I have a VPN with a gateway, and an application server. The app server only knows about the gateway of the VPN. The gateway of the VPN knows about the gateway of the physical network the vms are hosted on.
Problem: I can't reach api.twitter.com from the application server. Observation : the cache is filled with entries showing the physical gateway IP address.
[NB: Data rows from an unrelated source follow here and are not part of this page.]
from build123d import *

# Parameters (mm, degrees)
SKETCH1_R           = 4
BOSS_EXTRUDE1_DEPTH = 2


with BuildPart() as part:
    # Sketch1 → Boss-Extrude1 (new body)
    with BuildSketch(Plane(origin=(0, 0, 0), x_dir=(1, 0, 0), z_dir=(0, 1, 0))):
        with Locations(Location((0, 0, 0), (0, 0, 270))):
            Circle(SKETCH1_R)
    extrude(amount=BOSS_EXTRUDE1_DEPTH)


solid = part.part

Here is an excerpt :
ip -s route show cache 199.16.156.40
199.16.156.40 via 37.59.245.62 dev eth0 src 10.1.4.20
cache <redirected> used 170 age 22sec ipid 0x9e49
199.16.156.40 from 10.1.4.20 via 37.59.245.62 dev eth0
cache <redirected> age 25sec ipid 0x9e49
IPs beginning with 199 are twitter IPs. 37.59.245.62
is the IP of the physical gateway. 10.1.4.20
is the VPN IP of the VPN's gateway.
The IP of the physical gateway only appears for entries dealing with twitter's servers.
Why does this machine cache routes with IPs it does not have direct access to ?
Previous question showing that flushing the cache solves the problem temporarily
Why does it cache? The same reason caches are used in any other situation, to prevent the overhead of a route lookup. The reason you're seeing "external" gateways are more than likely ICMP messages coming back informing you that the that IP is unavailable.
I asked this somewhere else, and it turns out the solution was to turn off ICMP redirects.